It's a universality that if one truly stays home sick from work (as I did for all of last week), there is only one show that you have to watch. The need is more holistic than anything, a feeling that you are completing part of the staying at home ritual. I can't imagine staying sick long enough that I would get bored of The Price as half the fun is watching Bob Barker going through the motions and getting genuinely upset every show.
What kind of rights does a contestant who is contiually getting fucked by the person picking ahead of them have in terms of payback? If the asshole with a home made shirt keeps topping you by a dollar and then gives a smug look, I say you should be able to lobby Bob or fake Rod Roddy for their spot at the big spin. No more strategizing and turning Contestant's Row into Survivor for the 42 minutes at 11 AM we all need to get better.
The rest of watching tv while sick tells you a great deal about who the advertisers and producers of shows believe is their most important audience. Do you flatulate often? Then you're probably at home during the day. Suffer from ailments of all orifices?
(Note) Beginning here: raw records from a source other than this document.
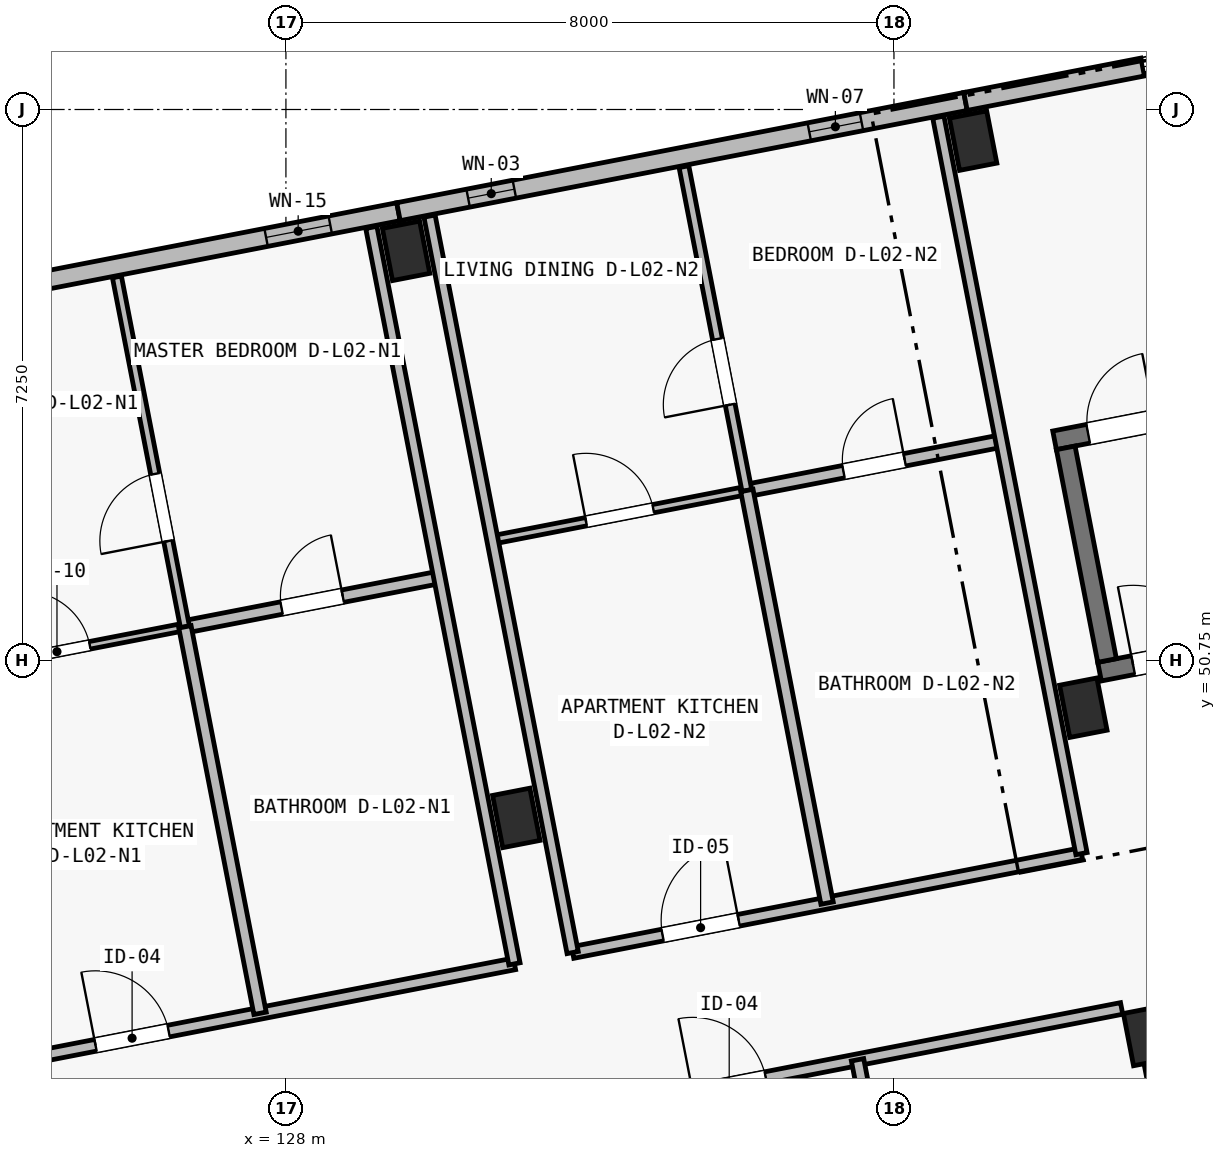
"""IFC4 building model, lengths in metres.
Left out: names, types, materials, properties, quantities, classifications, styles, units other than length and angle.
Written with IfcOpenShell. Run it as: python <this file> out.ifc"""

import sys

from ifc_helpers import new_model, si_unit, direction, frame, frame_2d, origin, origin_2d, place, context, subcontext, project, spatial, rectangle, extrude, element, fill, save


model = new_model("IFC4")
c1 = context("Model", 3, precision=1e-05, world=origin(), true_north=direction((0.0, 1.0)))
c2 = subcontext(c1, "Body", "Model", "MODEL_VIEW")
j1 = project(units=[si_unit("LENGTHUNIT", "METRE"), si_unit("PLANEANGLEUNIT", "RADIAN")], contexts=[c1])
p1 = place(None, origin())
s1 = spatial("IfcSite", under=j1, at=p1, CompositionType="ELEMENT")
p2 = place(p1, origin())
s2 = spatial("IfcBuilding", under=s1, at=p2, CompositionType="ELEMENT")
p3 = place(p2, frame((0.0, 0.0, 8.4)))
s3 = spatial("IfcBuildingStorey", under=s2, at=p3, CompositionType="ELEMENT", Elevation=8.4)
for number, where, z_axis, x_axis in (
    (1, (131.031, 48.68, 0.0), (0.0, 0.0, 1.0), (0.982, 0.191, 0.0)),
    (2, (129.581, 56.14, 0.0), (0.0, 0.0, 1.0), (0.982, 0.191, 0.0)),
    (3, (139.331, 45.811, 0.0), (0.0, 0.0, 1.0), (0.982, 0.191, 0.0)),
    (4, (138.491, 50.13, 0.0), (0.0, 0.0, 1.0), (0.982, 0.191, 0.0)),
    (5, (137.041, 57.59, 0.0), (0.0, 0.0, 1.0), (0.982, 0.191, 0.0)),
):
    element("IfcColumn", number, at=place(p3, frame(where, z_axis=z_axis, x_axis=x_axis)), inside=s3, PredefinedType="COLUMN", context=c2, shape_type="SweptSolid", body=[
        extrude(rectangle(XDim=0.5, YDim=0.7, at=origin_2d()), origin(), (0.0, 0.0, 1.0), 3.25),
    ])
p4 = place(p3, frame((140.714, 38.694, 0.0), z_axis=(0.0, 0.0, 1.0), x_axis=(-0.190819465253, 0.981625148252, 0.0)))
e6 = element("IfcWall", 6, at=p4, inside=s3, PredefinedType="SHEAR", context=c2, shape_type="SweptSolid", body=[
    extrude(rectangle(XDim=6.9, YDim=0.22, at=frame_2d((3.45, 0.0))), origin(), (0.0, 0.0, 1.0), 2.5),
])
p5 = place(p3, frame((138.113, 53.647, 0.0), z_axis=(0.0, 0.0, 1.0), x_axis=(0.981626097708, 0.19081458094, 0.0)))
e7 = element("IfcWall", 7, at=p5, inside=s3, PredefinedType="SHEAR", context=c2, shape_type="SweptSolid", body=[
    extrude(rectangle(XDim=7.0, YDim=0.25, at=frame_2d((3.5, 0.0))), origin(), (0.0, 0.0, 1.0), 3.25),
])
p6 = place(p5, frame((0.45, 0.0, 0.0)))
e8 = element("IfcOpeningElement", 8, at=p6, cuts=e7, PredefinedType="OPENING", context=c2, shape_type="SweptSolid", body=[
    extrude(rectangle(XDim=0.9, YDim=2.1, at=frame_2d((0.45, 1.05))), frame((0.0, 0.14, 0.0), z_axis=(0.0, -1.0, 0.0), x_axis=(1.0, 0.0, 0.0)), (0.0, 0.0, 1.0), 0.28),
])
p7 = place(p3, frame((138.705, 50.604, 0.0), z_axis=(0.0, 0.0, 1.0), x_axis=(0.981626097708, 0.19081458094, 0.0)))
e9 = element("IfcWall", 9, at=p7, inside=s3, PredefinedType="SHEAR", context=c2, shape_type="SweptSolid", body=[
    extrude(rectangle(XDim=7.0, YDim=0.25, at=frame_2d((3.5, 0.0))), origin(), (0.0, 0.0, 1.0), 3.25),
])
p8 = place(p7, frame((0.45, 0.0, 0.0)))
e10 = element("IfcOpeningElement", 10, at=p8, cuts=e9, PredefinedType="OPENING", context=c2, shape_type="SweptSolid", body=[
    extrude(rectangle(XDim=1.05, YDim=2.15, at=frame_2d((0.525, 1.075))), frame((0.0, 0.14, 0.0), z_axis=(0.0, -1.0, 0.0), x_axis=(1.0, 0.0, 0.0)), (0.0, 0.0, 1.0), 0.28),
])
p9 = place(p3, frame((138.804, 50.751, 0.0), z_axis=(0.0, 0.0, 1.0), x_axis=(-0.190858194834, 0.981617618762, 0.0)))
e11 = element("IfcWall", 11, at=p9, inside=s3, PredefinedType="SHEAR", context=c2, shape_type="SweptSolid", body=[
    extrude(rectangle(XDim=2.85, YDim=0.25, at=frame_2d((1.425, 0.0))), origin(), (0.0, 0.0, 1.0), 3.25),
])
p10 = place(p3, frame((122.02, 55.205, 0.0), z_axis=(0.0, 0.0, 1.0), x_axis=(0.981626422232, 0.190812911449, 0.0)))
e12 = element("IfcWall", 12, at=p10, inside=s3, PredefinedType="SOLIDWALL", context=c2, shape_type="SweptSolid", body=[
    extrude(rectangle(XDim=7.6, YDim=0.24, at=frame_2d((3.8, 0.0))), origin(), (0.0, 0.0, 1.0), 3.0),
])
p11 = place(p10, frame((1.354, 0.0, 0.5)))
e13 = element("IfcOpeningElement", 13, at=p11, cuts=e12, PredefinedType="OPENING", context=c2, shape_type="SweptSolid", body=[
    extrude(rectangle(XDim=0.78, YDim=2.2, at=frame_2d((0.39, 1.1))), frame((0.0, 0.135, 0.0), z_axis=(0.0, -1.0, 0.0), x_axis=(1.0, 0.0, 0.0)), (0.0, 0.0, 1.0), 0.27),
])
p12 = place(p10, frame((5.826, 0.0, 0.44)))
e14 = element("IfcOpeningElement", 14, at=p12, cuts=e12, PredefinedType="OPENING", context=c2, shape_type="SweptSolid", body=[
    extrude(rectangle(XDim=0.86, YDim=2.36, at=frame_2d((0.43, 1.18))), frame((0.0, 0.135, 0.0), z_axis=(0.0, -1.0, 0.0), x_axis=(1.0, 0.0, 0.0)), (0.0, 0.0, 1.0), 0.27),
])
p13 = place(p3, frame((129.481, 56.656, 0.0), z_axis=(0.0, 0.0, 1.0), x_axis=(0.981626422232, 0.190812911449, 0.0)))
e15 = element("IfcWall", 15, at=p13, inside=s3, PredefinedType="SOLIDWALL", context=c2, shape_type="SweptSolid", body=[
    extrude(rectangle(XDim=7.6, YDim=0.24, at=frame_2d((3.8, 0.0))), origin(), (0.0, 0.0, 1.0), 3.0),
])
p14 = place(p13, frame((0.934, 0.0, 0.44)))
e16 = element("IfcOpeningElement", 16, at=p14, cuts=e15, PredefinedType="OPENING", context=c2, shape_type="SweptSolid", body=[
    extrude(rectangle(XDim=0.62, YDim=2.28, at=frame_2d((0.31, 1.14))), frame((0.0, 0.135, 0.0), z_axis=(0.0, -1.0, 0.0), x_axis=(1.0, 0.0, 0.0)), (0.0, 0.0, 1.0), 0.27),
])
p15 = place(p13, frame((5.506, 0.0, 0.5)))
e17 = element("IfcOpeningElement", 17, at=p15, cuts=e15, PredefinedType="OPENING", context=c2, shape_type="SweptSolid", body=[
    extrude(rectangle(XDim=0.7, YDim=2.36, at=frame_2d((0.35, 1.18))), frame((0.0, 0.135, 0.0), z_axis=(0.0, -1.0, 0.0), x_axis=(1.0, 0.0, 0.0)), (0.0, 0.0, 1.0), 0.27),
])
p16 = place(p3, frame((136.941, 58.106, 0.0), z_axis=(0.0, 0.0, 1.0), x_axis=(0.981629832251, 0.190795367961, 0.0)))
e18 = element("IfcWall", 18, at=p16, inside=s3, PredefinedType="SOLIDWALL", context=c2, shape_type="SweptSolid", body=[
    extrude(rectangle(XDim=2.375, YDim=0.24, at=frame_2d((1.188, 0.0))), origin(), (0.0, 0.0, 1.0), 3.0),
])
p17 = place(p3, frame((132.046, 44.823, 0.0), z_axis=(0.0, 0.0, 1.0), x_axis=(0.9816234647, 0.190828125677, 0.0)))
e19 = element("IfcWall", 19, at=p17, inside=s3, PredefinedType="PARTITIONING", context=c2, shape_type="SweptSolid", body=[
    extrude(rectangle(XDim=7.08, YDim=0.155, at=frame_2d((3.54, 0.0))), origin(), (0.0, 0.0, 1.0), 2.97),
])
p18 = place(p17, frame((1.33, 0.0, 0.0)))
e20 = element("IfcOpeningElement", 20, at=p18, cuts=e19, PredefinedType="OPENING", context=c2, shape_type="SweptSolid", body=[
    extrude(rectangle(XDim=0.98, YDim=2.15, at=frame_2d((0.49, 1.075))), frame((0.0, 0.093, 0.0), z_axis=(0.0, -1.0, 0.0), x_axis=(1.0, 0.0, 0.0)), (0.0, 0.0, 1.0), 0.185),
])
p19 = place(p3, frame((136.202, 41.994, 0.0), z_axis=(0.0, 0.0, 1.0), x_axis=(-0.190865998276, 0.981616101489, 0.0)))
e21 = element("IfcWall", 21, at=p19, inside=s3, PredefinedType="PLUMBINGWALL", context=c2, shape_type="SweptSolid", body=[
    extrude(rectangle(XDim=3.57, YDim=0.165, at=frame_2d((1.785, 0.0))), origin(), (0.0, 0.0, 1.0), 2.97),
])
p20 = place(p3, frame((124.312, 45.459, 0.0), z_axis=(0.0, 0.0, 1.0), x_axis=(0.981627870431, 0.190805461121, 0.0)))
e22 = element("IfcWall", 22, at=p20, inside=s3, PredefinedType="PARTITIONING", context=c2, shape_type="SweptSolid", body=[
    extrude(rectangle(XDim=6.82, YDim=0.155, at=frame_2d((3.41, 0.0))), origin(), (0.0, 0.0, 1.0), 2.97),
])
p21 = place(p20, frame((1.205, 0.0, 0.0)))
e23 = element("IfcOpeningElement", 23, at=p21, cuts=e22, PredefinedType="OPENING", context=c2, shape_type="SweptSolid", body=[
    extrude(rectangle(XDim=0.98, YDim=2.15, at=frame_2d((0.49, 1.075))), frame((0.0, 0.093, 0.0), z_axis=(0.0, -1.0, 0.0), x_axis=(1.0, 0.0, 0.0)), (0.0, 0.0, 1.0), 0.185),
])
p22 = place(p3, frame((123.324, 50.543, 0.0), z_axis=(0.0, 0.0, 1.0), x_axis=(0.981629173664, 0.190798756314, 0.0)))
e24 = element("IfcWall", 24, at=p22, inside=s3, PredefinedType="PARTITIONING", context=c2, shape_type="SweptSolid", body=[
    extrude(rectangle(XDim=3.41, YDim=0.1, at=frame_2d((1.705, 0.0))), origin(), (0.0, 0.0, 1.0), 2.97),
])
p23 = place(p22, frame((1.255, 0.0, 0.0)))
e25 = element("IfcOpeningElement", 25, at=p23, cuts=e24, PredefinedType="OPENING", context=c2, shape_type="SweptSolid", body=[
    extrude(rectangle(XDim=0.88, YDim=2.1, at=frame_2d((0.44, 1.05))), frame((0.0, 0.065, 0.0), z_axis=(0.0, -1.0, 0.0), x_axis=(1.0, 0.0, 0.0)), (0.0, 0.0, 1.0), 0.13),
])
p24 = place(p3, frame((126.671, 51.194, 0.0), z_axis=(0.0, 0.0, 1.0), x_axis=(0.981629173664, 0.190798756314, 0.0)))
e26 = element("IfcWall", 26, at=p24, inside=s3, PredefinedType="PLUMBINGWALL", context=c2, shape_type="SweptSolid", body=[
    extrude(rectangle(XDim=3.41, YDim=0.165, at=frame_2d((1.705, 0.0))), origin(), (0.0, 0.0, 1.0), 2.97),
])
p25 = place(p24, frame((1.295, 0.0, 0.0)))
e27 = element("IfcOpeningElement", 27, at=p25, cuts=e26, PredefinedType="OPENING", context=c2, shape_type="SweptSolid", body=[
    extrude(rectangle(XDim=0.82, YDim=2.08, at=frame_2d((0.41, 1.04))), frame((0.0, 0.097, 0.0), z_axis=(0.0, -1.0, 0.0), x_axis=(1.0, 0.0, 0.0)), (0.0, 0.0, 1.0), 0.195),
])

Again, at home. Purchase the majority of products from commercials budgeted near $200? Enjoy that lump-sum settlement, my immobile friend. It's depressing and motivating enough to get most people off their sick asses and back to productivity.
I've never been mad at anyone who won the car.
Gym Class Heroes + K-OS + RX Bandits @ Firestone on Mar. 1, 2007 - $15
Update - A contestant on the Showcase Showdown had a showcase containing some books, an appliance and a Chrysler 300. She bid $94,000.